Ontological Semantic Technology (OST) is a set of resources that enable computational understand of natural language. The resources consist of language independent ontology (representing general knowledge of the world), a number of language-dependent lexica (one per supported natural language, such as English, Russian, Korean, etc.) and a set of tools that interpret text into text-meaning representation (TMR), results of which are stored in an information base. The ultimate goal of OST is to understand explicit and implicit information, knowledge of which is compatible with the ontology.

Communication about Energy Usage in Smart Homes
Part of Sociotechnical systems to enable smart and connected energy-aware residential communities

The overall goal of the project is to discover new knowledge on how individuals, groups, and residential communities make decisions related to their home energy consumption through some feedback mechanism. This feedback mechanism can visual or verbal. The goal of the verbal communication in this project is to give users information about their energy usage informally, in a way that is most acceptable to them. The grain size of information (both in terms of numbers, energy devices, and user behavior) to be delivered to the user as well as the acceptability of verbal cues, based on the density level of text, different voices, effects, and grammatical constructions is part of the experiments performed. The communication of individual cues as well as prolonged dialogs is currently accomplished through Amazon Alexa.

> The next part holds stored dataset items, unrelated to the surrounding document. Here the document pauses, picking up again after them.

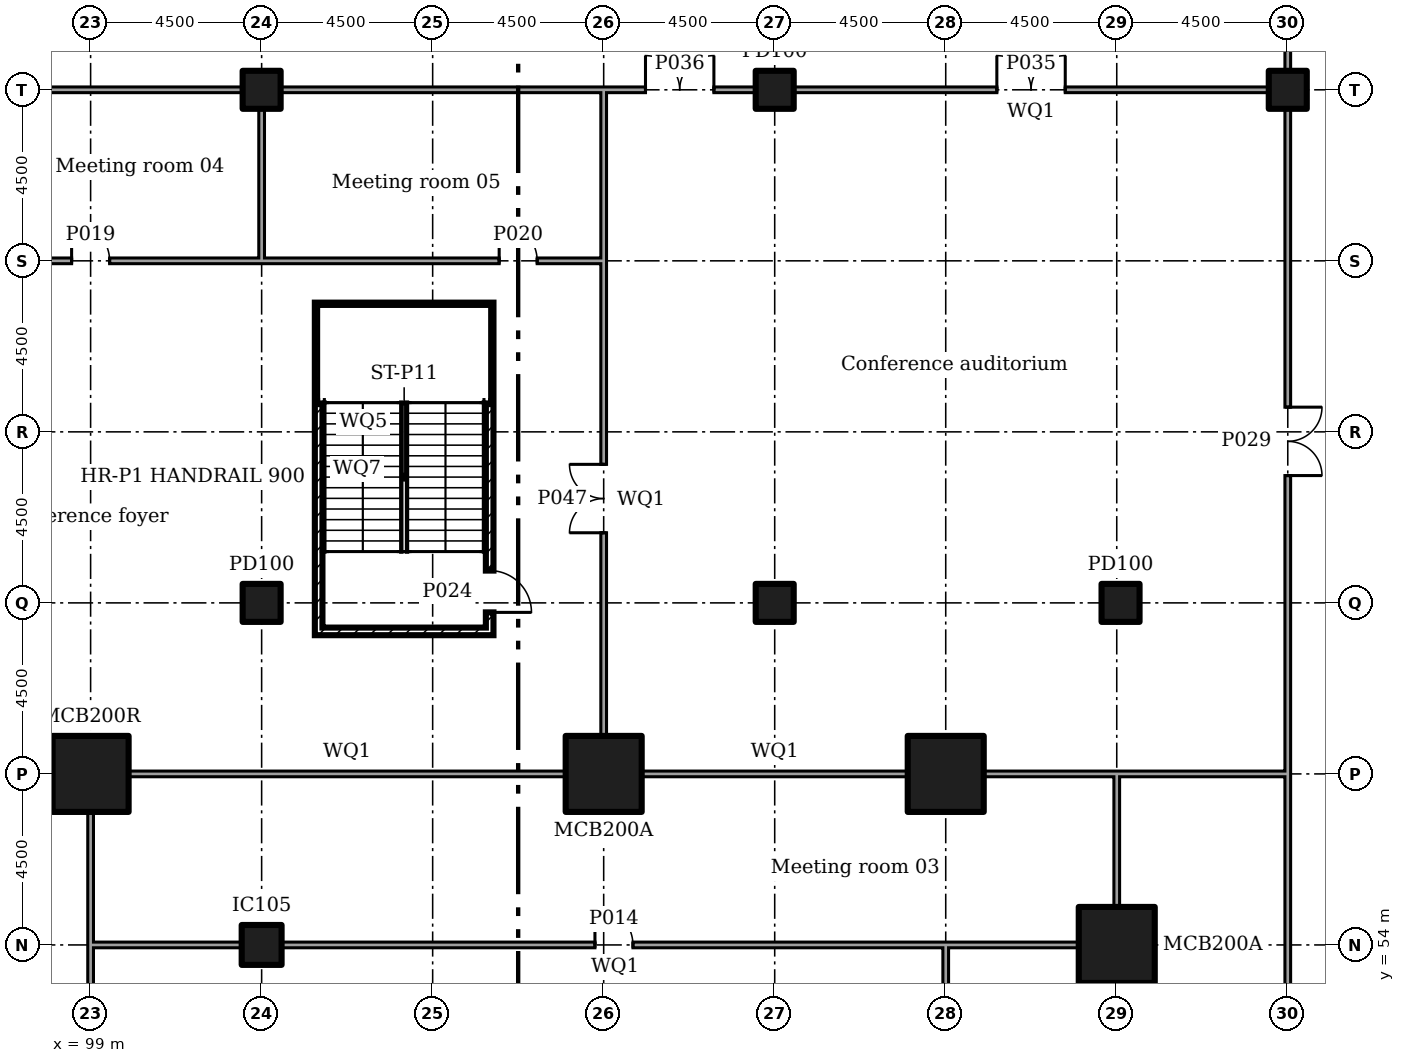
"""IFC4 building model, lengths in metres.
Left out: names, types, materials, properties, quantities, classifications, styles, units other than length and angle.
Written with IfcOpenShell. Run it as: python <this file> out.ifc"""

import sys

from ifc_helpers import new_model, si_unit, direction, frame, frame_2d, origin, origin_2d, place, context, subcontext, project, spatial, rectangle, extrude, element, fill, save


model = new_model("IFC4")
c1 = context("Model", 3, precision=1e-05, world=origin(), true_north=direction((0.0, 1.0)))
c2 = subcontext(c1, "Body", "Model", "MODEL_VIEW")
j1 = project(units=[si_unit("LENGTHUNIT", "METRE"), si_unit("PLANEANGLEUNIT", "RADIAN")], contexts=[c1])
p1 = place(None, origin())
s1 = spatial("IfcSite", under=j1, at=p1, CompositionType="ELEMENT")
p2 = place(p1, origin())
s2 = spatial("IfcBuilding", under=s1, at=p2, CompositionType="ELEMENT")
p3 = place(p2, frame((0.0, 0.0, 11.5)))
s3 = spatial("IfcBuildingStorey", under=s2, at=p3, CompositionType="ELEMENT", Elevation=11.5)
for number, where in (
    (1, (99.0, 58.5, 0.0)),
    (2, (112.5, 58.5, 0.0)),
    (3, (121.5, 58.5, 0.0)),
    (4, (126.0, 54.0, 0.0)),
):
    element("IfcColumn", number, at=place(p3, frame(where)), inside=s3, PredefinedType="COLUMN", context=c2, shape_type="SweptSolid", body=[
        extrude(rectangle(XDim=2.0, YDim=2.0, at=origin_2d()), origin(), (0.0, 0.0, 1.0), 5.0),
    ])
p4 = place(p3, frame((103.5, 54.0, 0.0)))
e5 = element("IfcColumn", 5, at=p4, inside=s3, PredefinedType="COLUMN", context=c2, shape_type="SweptSolid", body=[
    extrude(rectangle(XDim=1.05, YDim=1.05, at=origin_2d()), origin(), (0.0, 0.0, 1.0), 5.0),
])
for number, where in (
    (6, (103.5, 63.0, 0.0)),
    (7, (103.5, 76.5, 0.0)),
    (8, (117.0, 63.0, 0.0)),
    (9, (117.0, 76.5, 0.0)),
    (10, (126.1, 63.0, 0.0)),
    (11, (130.5, 76.5, 0.0)),
):
    element("IfcColumn", number, at=place(p3, frame(where)), inside=s3, PredefinedType="COLUMN", context=c2, shape_type="SweptSolid", body=[
        extrude(rectangle(XDim=1.0, YDim=1.0, at=origin_2d()), origin(), (0.0, 0.0, 1.0), 5.0),
    ])
p5 = place(p3, frame((130.5, 76.995, 0.0), z_axis=(0.0, 0.0, 1.0), x_axis=(0.0, 1.0, 0.0)))
e12 = element("IfcWall", 12, at=p5, inside=s3, PredefinedType="PARTITIONING", context=c2, shape_type="SweptSolid", body=[
    extrude(rectangle(XDim=3.705, YDim=0.15, at=frame_2d((1.853, 0.0))), origin(), (0.0, 0.0, 1.0), 4.55),
])
p6 = place(p5, frame((1.25, 0.0, 0.0)))
e13 = element("IfcOpeningElement", 13, at=p6, cuts=e12, PredefinedType="OPENING", context=c2, shape_type="SweptSolid", body=[
    extrude(rectangle(XDim=1.2, YDim=2.1, at=frame_2d((0.6, 1.05))), frame((0.0, 0.085, 0.0), z_axis=(0.0, -1.0, 0.0), x_axis=(1.0, 0.0, 0.0)), (0.0, 0.0, 1.0), 0.17),
])
p7 = place(p3, frame((130.5, 36.495, 0.0), z_axis=(0.0, 0.0, 1.0), x_axis=(0.0, 1.0, 0.0)))
e14 = element("IfcWall", 14, at=p7, inside=s3, PredefinedType="PARTITIONING", context=c2, shape_type="SweptSolid", body=[
    extrude(rectangle(XDim=22.08, YDim=0.15, at=frame_2d((11.04, 0.0))), origin(), (0.0, 0.0, 1.0), 4.55),
])
p8 = place(p7, frame((10.5, 0.0, 0.0)))
e15 = element("IfcOpeningElement", 15, at=p8, cuts=e14, PredefinedType="OPENING", context=c2, shape_type="SweptSolid", body=[
    extrude(rectangle(XDim=1.0, YDim=2.1, at=frame_2d((0.5, 1.05))), frame((0.0, 0.085, 0.0), z_axis=(0.0, -1.0, 0.0), x_axis=(1.0, 0.0, 0.0)), (0.0, 0.0, 1.0), 0.17),
])
p9 = place(p3, frame((130.5, 58.5, 0.0), z_axis=(0.0, 0.0, 1.0), x_axis=(0.0, 1.0, 0.0)))
e16 = element("IfcWall", 16, at=p9, inside=s3, PredefinedType="PARTITIONING", context=c2, shape_type="SweptSolid", body=[
    extrude(rectangle(XDim=17.505, YDim=0.15, at=frame_2d((8.752, 0.0))), origin(), (0.0, 0.0, 1.0), 4.55),
])
p10 = place(p9, frame((7.85, 0.0, 0.0)))
e17 = element("IfcOpeningElement", 17, at=p10, cuts=e16, PredefinedType="OPENING", context=c2, shape_type="SweptSolid", body=[
    extrude(rectangle(XDim=1.8, YDim=2.1, at=frame_2d((0.9, 1.05))), frame((0.0, 0.085, 0.0), z_axis=(0.0, -1.0, 0.0), x_axis=(1.0, 0.0, 0.0)), (0.0, 0.0, 1.0), 0.17),
])
p11 = place(p3, frame((94.5, 76.5, 0.0)))
e18 = element("IfcWall", 18, at=p11, inside=s3, PredefinedType="PARTITIONING", context=c2, shape_type="SweptSolid", body=[
    extrude(rectangle(XDim=8.505, YDim=0.15, at=frame_2d((4.252, 0.0))), origin(), (0.0, 0.0, 1.0), 4.55),
])
p12 = place(p3, frame((103.995, 76.5, 0.0)))
e19 = element("IfcWall", 19, at=p12, inside=s3, PredefinedType="PARTITIONING", context=c2, shape_type="SweptSolid", body=[
    extrude(rectangle(XDim=8.58, YDim=0.15, at=frame_2d((4.29, 0.0))), origin(), (0.0, 0.0, 1.0), 4.55),
])
p13 = place(p3, frame((112.5, 76.5, 0.0)))
e20 = element("IfcWall", 20, at=p13, inside=s3, PredefinedType="PARTITIONING", context=c2, shape_type="SweptSolid", body=[
    extrude(rectangle(XDim=4.005, YDim=0.15, at=frame_2d((2.002, 0.0))), origin(), (0.0, 0.0, 1.0), 4.55),
])
p14 = place(p13, frame((1.1, 0.0, 0.0)))
e21 = element("IfcOpeningElement", 21, at=p14, cuts=e20, PredefinedType="OPENING", context=c2, shape_type="SweptSolid", body=[
    extrude(rectangle(XDim=1.8, YDim=2.1, at=frame_2d((0.9, 1.05))), frame((0.0, 0.085, 0.0), z_axis=(0.0, -1.0, 0.0), x_axis=(1.0, 0.0, 0.0)), (0.0, 0.0, 1.0), 0.17),
])
p15 = place(p3, frame((117.495, 76.5, 0.0)))
e22 = element("IfcWall", 22, at=p15, inside=s3, PredefinedType="PARTITIONING", context=c2, shape_type="SweptSolid", body=[
    extrude(rectangle(XDim=12.51, YDim=0.15, at=frame_2d((6.255, 0.0))), origin(), (0.0, 0.0, 1.0), 4.55),
])
p16 = place(p15, frame((5.35, 0.0, 0.0)))
e23 = element("IfcOpeningElement", 23, at=p16, cuts=e22, PredefinedType="OPENING", context=c2, shape_type="SweptSolid", body=[
    extrude(rectangle(XDim=1.8, YDim=2.1, at=frame_2d((0.9, 1.05))), frame((0.0, 0.085, 0.0), z_axis=(0.0, -1.0, 0.0), x_axis=(1.0, 0.0, 0.0)), (0.0, 0.0, 1.0), 0.17),
])
p17 = place(p3, frame((99.0, 36.52, 0.0), z_axis=(0.0, 0.0, 1.0), x_axis=(0.0, 1.0, 0.0)))
e24 = element("IfcWall", 24, at=p17, inside=s3, PredefinedType="PARTITIONING", context=c2, shape_type="SweptSolid", body=[
    extrude(rectangle(XDim=17.555, YDim=0.15, at=frame_2d((8.777, 0.0))), origin(), (0.0, 0.0, 1.0), 4.55),
])
p18 = place(p17, frame((7.85, 0.0, 0.0)))
e25 = element("IfcOpeningElement", 25, at=p18, cuts=e24, PredefinedType="OPENING", context=c2, shape_type="SweptSolid", body=[
    extrude(rectangle(XDim=1.8, YDim=2.1, at=frame_2d((0.9, 1.05))), frame((0.0, 0.085, 0.0), z_axis=(0.0, -1.0, 0.0), x_axis=(1.0, 0.0, 0.0)), (0.0, 0.0, 1.0), 0.17),
])
p19 = place(p3, frame((99.0, 54.0, 0.0), z_axis=(0.0, 0.0, 1.0), x_axis=(0.0, 1.0, 0.0)))
e26 = element("IfcWall", 26, at=p19, inside=s3, PredefinedType="PARTITIONING", context=c2, shape_type="SweptSolid", body=[
    extrude(rectangle(XDim=3.505, YDim=0.15, at=frame_2d((1.752, 0.0))), origin(), (0.0, 0.0, 1.0), 4.55),
])
p20 = place(p3, frame((94.65, 58.5, 0.0)))
e27 = element("IfcWall", 27, at=p20, inside=s3, PredefinedType="PARTITIONING", context=c2, shape_type="SweptSolid", body=[
    extrude(rectangle(XDim=3.355, YDim=0.15, at=frame_2d((1.677, 0.0))), origin(), (0.0, 0.0, 1.0), 4.55),
])
p21 = place(p20, frame((1.0, 0.0, 0.0)))
e28 = element("IfcOpeningElement", 28, at=p21, cuts=e27, PredefinedType="OPENING", context=c2, shape_type="SweptSolid", body=[
    extrude(rectangle(XDim=1.2, YDim=2.1, at=frame_2d((0.6, 1.05))), frame((0.0, 0.085, 0.0), z_axis=(0.0, -1.0, 0.0), x_axis=(1.0, 0.0, 0.0)), (0.0, 0.0, 1.0), 0.17),
])
p22 = place(p3, frame((99.075, 54.0, 0.0)))
e29 = element("IfcWall", 29, at=p22, inside=s3, PredefinedType="PARTITIONING", context=c2, shape_type="SweptSolid", body=[
    extrude(rectangle(XDim=3.905, YDim=0.15, at=frame_2d((1.953, 0.0))), origin(), (0.0, 0.0, 1.0), 4.55),
])
p23 = place(p3, frame((104.02, 54.0, 0.0)))
e30 = element("IfcWall", 30, at=p23, inside=s3, PredefinedType="PARTITIONING", context=c2, shape_type="SweptSolid", body=[
    extrude(rectangle(XDim=17.555, YDim=0.15, at=frame_2d((8.777, 0.0))), origin(), (0.0, 0.0, 1.0), 4.55),
])
p24 = place(p23, frame((8.25, 0.0, 0.0)))
e31 = element("IfcOpeningElement", 31, at=p24, cuts=e30, PredefinedType="OPENING", context=c2, shape_type="SweptSolid", body=[
    extrude(rectangle(XDim=1.0, YDim=2.1, at=frame_2d((0.5, 1.05))), frame((0.0, 0.085, 0.0), z_axis=(0.0, -1.0, 0.0), x_axis=(1.0, 0.0, 0.0)), (0.0, 0.0, 1.0), 0.17),
])
p25 = place(p3, frame((121.5, 50.02, 0.0), z_axis=(0.0, 0.0, 1.0), x_axis=(0.0, 1.0, 0.0)))
e32 = element("IfcWall", 32, at=p25, inside=s3, PredefinedType="PARTITIONING", context=c2, shape_type="SweptSolid", body=[
    extrude(rectangle(XDim=3.905, YDim=0.15, at=frame_2d((1.953, 0.0))), origin(), (0.0, 0.0, 1.0), 4.55),
])
p26 = place(p3, frame((121.5, 54.0, 0.0)))
e33 = element("IfcWall", 33, at=p26, inside=s3, PredefinedType="PARTITIONING", context=c2, shape_type="SweptSolid", body=[
    extrude(rectangle(XDim=3.505, YDim=0.15, at=frame_2d((1.752, 0.0))), origin(), (0.0, 0.0, 1.0), 4.55),
])
p27 = place(p3, frame((126.0, 54.995, 0.0), z_axis=(0.0, 0.0, 1.0), x_axis=(0.0, 1.0, 0.0)))
e34 = element("IfcWall", 34, at=p27, inside=s3, PredefinedType="PARTITIONING", context=c2, shape_type="SweptSolid", body=[
    extrude(rectangle(XDim=3.58, YDim=0.15, at=frame_2d((1.79, 0.0))), origin(), (0.0, 0.0, 1.0), 4.55),
])
p28 = place(p3, frame((99.995, 58.5, 0.0)))
e35 = element("IfcWall", 35, at=p28, inside=s3, PredefinedType="PARTITIONING", context=c2, shape_type="SweptSolid", body=[
    extrude(rectangle(XDim=11.51, YDim=0.15, at=frame_2d((5.755, 0.0))), origin(), (0.0, 0.0, 1.0), 4.55),
])
p29 = place(p3, frame((113.495, 58.5, 0.0)))
e36 = element("IfcWall", 36, at=p29, inside=s3, PredefinedType="PARTITIONING", context=c2, shape_type="SweptSolid", body=[
    extrude(rectangle(XDim=7.01, YDim=0.15, at=frame_2d((3.505, 0.0))), origin(), (0.0, 0.0, 1.0), 4.55),
])
p30 = place(p3, frame((122.495, 58.5, 0.0)))
e37 = element("IfcWall", 37, at=p30, inside=s3, PredefinedType="PARTITIONING", context=c2, shape_type="SweptSolid", body=[
    extrude(rectangle(XDim=3.505, YDim=0.15, at=frame_2d((1.752, 0.0))), origin(), (0.0, 0.0, 1.0), 4.55),
])
p31 = place(p3, frame((126.0, 45.995, 0.0), z_axis=(0.0, 0.0, 1.0), x_axis=(0.0, 1.0, 0.0)))
e38 = element("IfcWall", 38, at=p31, inside=s3, PredefinedType="PARTITIONING", context=c2, shape_type="SweptSolid", body=[
    extrude(rectangle(XDim=7.01, YDim=0.15, at=frame_2d((3.505, 0.0))), origin(), (0.0, 0.0, 1.0), 4.55),
])
p32 = place(p3, frame((126.075, 58.5, 0.0)))
e39 = element("IfcWall", 39, at=p32, inside=s3, PredefinedType="PARTITIONING", context=c2, shape_type="SweptSolid", body=[
    extrude(rectangle(XDim=4.35, YDim=0.15, at=frame_2d((2.175, 0.0))), origin(), (0.0, 0.0, 1.0), 4.55),
])
p33 = place(p3, frame((94.575, 72.0, 0.0)))
e40 = element("IfcWall", 40, at=p33, inside=s3, PredefinedType="PARTITIONING", context=c2, shape_type="SweptSolid", body=[
    extrude(rectangle(XDim=9.0, YDim=0.15, at=frame_2d((4.5, 0.0))), origin(), (0.0, 0.0, 1.0), 4.55),
])
p34 = place(p33, frame((3.925, 0.0, 0.0)))
e41 = element("IfcOpeningElement", 41, at=p34, cuts=e40, PredefinedType="OPENING", context=c2, shape_type="SweptSolid", body=[
    extrude(rectangle(XDim=1.0, YDim=2.1, at=frame_2d((0.5, 1.05))), frame((0.0, 0.085, 0.0), z_axis=(0.0, -1.0, 0.0), x_axis=(1.0, 0.0, 0.0)), (0.0, 0.0, 1.0), 0.17),
])
p35 = place(p3, frame((103.5, 72.0, 0.0)))
e42 = element("IfcWall", 42, at=p35, inside=s3, PredefinedType="PARTITIONING", context=c2, shape_type="SweptSolid", body=[
    extrude(rectangle(XDim=9.075, YDim=0.15, at=frame_2d((4.538, 0.0))), origin(), (0.0, 0.0, 1.0), 4.55),
])
p36 = place(p35, frame((6.25, 0.0, 0.0)))
e43 = element("IfcOpeningElement", 43, at=p36, cuts=e42, PredefinedType="OPENING", context=c2, shape_type="SweptSolid", body=[
    extrude(rectangle(XDim=1.0, YDim=2.1, at=frame_2d((0.5, 1.05))), frame((0.0, 0.085, 0.0), z_axis=(0.0, -1.0, 0.0), x_axis=(1.0, 0.0, 0.0)), (0.0, 0.0, 1.0), 0.17),
])
p37 = place(p3, frame((112.5, 59.495, 0.0), z_axis=(0.0, 0.0, 1.0), x_axis=(0.0, 1.0, 0.0)))
e44 = element("IfcWall", 44, at=p37, inside=s3, PredefinedType="PARTITIONING", context=c2, shape_type="SweptSolid", body=[
    extrude(rectangle(XDim=12.43, YDim=0.15, at=frame_2d((6.215, 0.0))), origin(), (0.0, 0.0, 1.0), 4.55),
])
p38 = place(p37, frame((5.35, 0.0, 0.0)))
e45 = element("IfcOpeningElement", 45, at=p38, cuts=e44, PredefinedType="OPENING", context=c2, shape_type="SweptSolid", body=[
    extrude(rectangle(XDim=1.8, YDim=2.1, at=frame_2d((0.9, 1.05))), frame((0.0, 0.085, 0.0), z_axis=(0.0, -1.0, 0.0), x_axis=(1.0, 0.0, 0.0)), (0.0, 0.0, 1.0), 0.17),
])
p39 = place(p3, frame((105.0, 62.15, 0.0), z_axis=(0.0, 0.0, 1.0), x_axis=(0.0, 1.0, 0.0)))
e46 = element("IfcWall", 46, at=p39, inside=s3, PredefinedType="SOLIDWALL", context=c2, shape_type="SweptSolid", body=[
    extrude(rectangle(XDim=8.75, YDim=0.2, at=frame_2d((4.375, 0.0))), origin(), (0.0, 0.0, 1.0), 4.55),
])
p40 = place(p3, frame((109.5, 62.15, 0.0), z_axis=(0.0, 0.0, 1.0), x_axis=(0.0, 1.0, 0.0)))
e47 = element("IfcWall", 47, at=p40, inside=s3, PredefinedType="SOLIDWALL", context=c2, shape_type="SweptSolid", body=[
    extrude(rectangle(XDim=8.75, YDim=0.2, at=frame_2d((4.375, 0.0))), origin(), (0.0, 0.0, 1.0), 4.55),
])
p41 = place(p40, frame((0.6, 0.0, 0.0)))
e48 = element("IfcOpeningElement", 48, at=p41, cuts=e47, PredefinedType="OPENING", context=c2, shape_type="SweptSolid", body=[
    extrude(rectangle(XDim=1.1, YDim=2.1, at=frame_2d((0.55, 1.05))), frame((0.0, 0.11, 0.0), z_axis=(0.0, -1.0, 0.0), x_axis=(1.0, 0.0, 0.0)), (0.0, 0.0, 1.0), 0.22),
])
for number, where in (
    (49, (105.1, 62.25, 0.0)),
    (50, (105.1, 70.8, 0.0)),
):
    element("IfcWall", number, at=place(p3, frame(where)), inside=s3, PredefinedType="SOLIDWALL", context=c2, shape_type="SweptSolid", body=[
        extrude(rectangle(XDim=4.3, YDim=0.2, at=frame_2d((2.15, 0.0))), origin(), (0.0, 0.0, 1.0), 4.55),
    ])
p42 = place(p3, frame((103.5, 72.075, 0.0), z_axis=(0.0, 0.0, 1.0), x_axis=(0.0, 1.0, 0.0)))
e51 = element("IfcWall", 51, at=p42, inside=s3, PredefinedType="PARTITIONING", context=c2, shape_type="SweptSolid", body=[
    extrude(rectangle(XDim=3.93, YDim=0.15, at=frame_2d((1.965, 0.0))), origin(), (0.0, 0.0, 1.0), 4.55),
])
p43 = place(p3, frame((112.5, 72.0, 0.0), z_axis=(0.0, 0.0, 1.0), x_axis=(0.0, 1.0, 0.0)))
e52 = element("IfcWall", 52, at=p43, inside=s3, PredefinedType="PARTITIONING", context=c2, shape_type="SweptSolid", body=[
    extrude(rectangle(XDim=4.425, YDim=0.15, at=frame_2d((2.212, 0.0))), origin(), (0.0, 0.0, 1.0), 4.55),
])
for number, where in (
    (53, (105.1, 68.37, 0.0)),
    (54, (105.1, 70.1, 0.0)),
):
    element("IfcWall", number, at=place(p3, frame(where)), inside=s3, PredefinedType="SOLIDWALL", context=c2, shape_type="SweptSolid", body=[
        extrude(rectangle(XDim=4.3, YDim=0.2, at=frame_2d((2.15, 0.0))), origin(), (0.0, 0.0, 1.0), 2.3),
    ])
p44 = place(p24, origin())
e55 = element("IfcDoor", 55, at=p44, inside=s3, OperationType="SINGLE_SWING_RIGHT", PredefinedType="DOOR", context=c2, shape_type="SweptSolid", body=[
    extrude(rectangle(XDim=1.0, YDim=2.1, at=frame_2d((0.5, 1.05))), frame((0.0, 0.025, 0.0), z_axis=(0.0, -1.0, 0.0), x_axis=(1.0, 0.0, 0.0)), (0.0, 0.0, 1.0), 0.05),
])
fill(e31, e55)
p45 = place(p34, origin())
e56 = element("IfcDoor", 56, at=p45, inside=s3, OperationType="SINGLE_SWING_RIGHT", PredefinedType="DOOR", context=c2, shape_type="SweptSolid", body=[
    extrude(rectangle(XDim=1.0, YDim=2.1, at=frame_2d((0.5, 1.05))), frame((0.0, 0.025, 0.0), z_axis=(0.0, -1.0, 0.0), x_axis=(1.0, 0.0, 0.0)), (0.0, 0.0, 1.0), 0.05),
])
fill(e41, e56)
p46 = place(p36, origin())
e57 = element("IfcDoor", 57, at=p46, inside=s3, OperationType="SINGLE_SWING_RIGHT", PredefinedType="DOOR", context=c2, shape_type="SweptSolid", body=[
    extrude(rectangle(XDim=1.0, YDim=2.1, at=frame_2d((0.5, 1.05))), frame((0.0, 0.025, 0.0), z_axis=(0.0, -1.0, 0.0), x_axis=(1.0, 0.0, 0.0)), (0.0, 0.0, 1.0), 0.05),
])
fill(e43, e57)
p47 = place(p41, frame((1.1, 0.0, 0.0), x_axis=(-1.0, 0.0, 0.0)))
e58 = element("IfcDoor", 58, at=p47, inside=s3, OperationType="SINGLE_SWING_LEFT", PredefinedType="DOOR", context=c2, shape_type="SweptSolid", body=[
    extrude(rectangle(XDim=1.1, YDim=2.1, at=frame_2d((0.55, 1.05))), frame((0.0, 0.025, 0.0), z_axis=(0.0, -1.0, 0.0), x_axis=(1.0, 0.0, 0.0)), (0.0, 0.0, 1.0), 0.05),
])
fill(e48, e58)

Chat Analysis for Law Enforcement
In collaboration with High Tech Crime Unit

The overall goal of the project is to provide law enforcement with a faster and reliable way to triage suspicious conversations between minors and adults in order to prioritize existing cases based on their risk level. AKRaNLU’s component of the data consists of anonymized chats, mostly from social media platforms, each of which includes two or more participants. In order to detect risk of conversations, themes of various parts of chats are considered as well as style of the conversations that may point out to the groups of individuals working together or the same individual using various aliases and multiple social media platforms

Detection of Information Inconsistency

The aim of the project is to develop framework and preliminary results to show feasibility of inconsistency detection. The goal is to taxonomize various inconsistency types that can be seen in text, and identify existing methods that are suitable for identifying each type, as well as outline and develop new methods that would improve the performance of the overall system.

Computational Humor

Advancements in Artificial Intelligence allow computational agents to become more ‘natural’ in various communication aspects. Humor is one of the components of human interaction that should be accounted for, if computational agents are to communicate in a way that is similar to humans. The goal of the project is to be able to detect (and be able to explain) when a component of a text contains humor, when an utterance contains humor potential that can be highlighted with a computer-generated punchline, and to understand humor preferences of a particular individual based on his/her interaction with a computational system, and respond appropriately to a user. Existing research from multiple disciplines that contribute to humor studies is considered, as well as natural language processing techniques.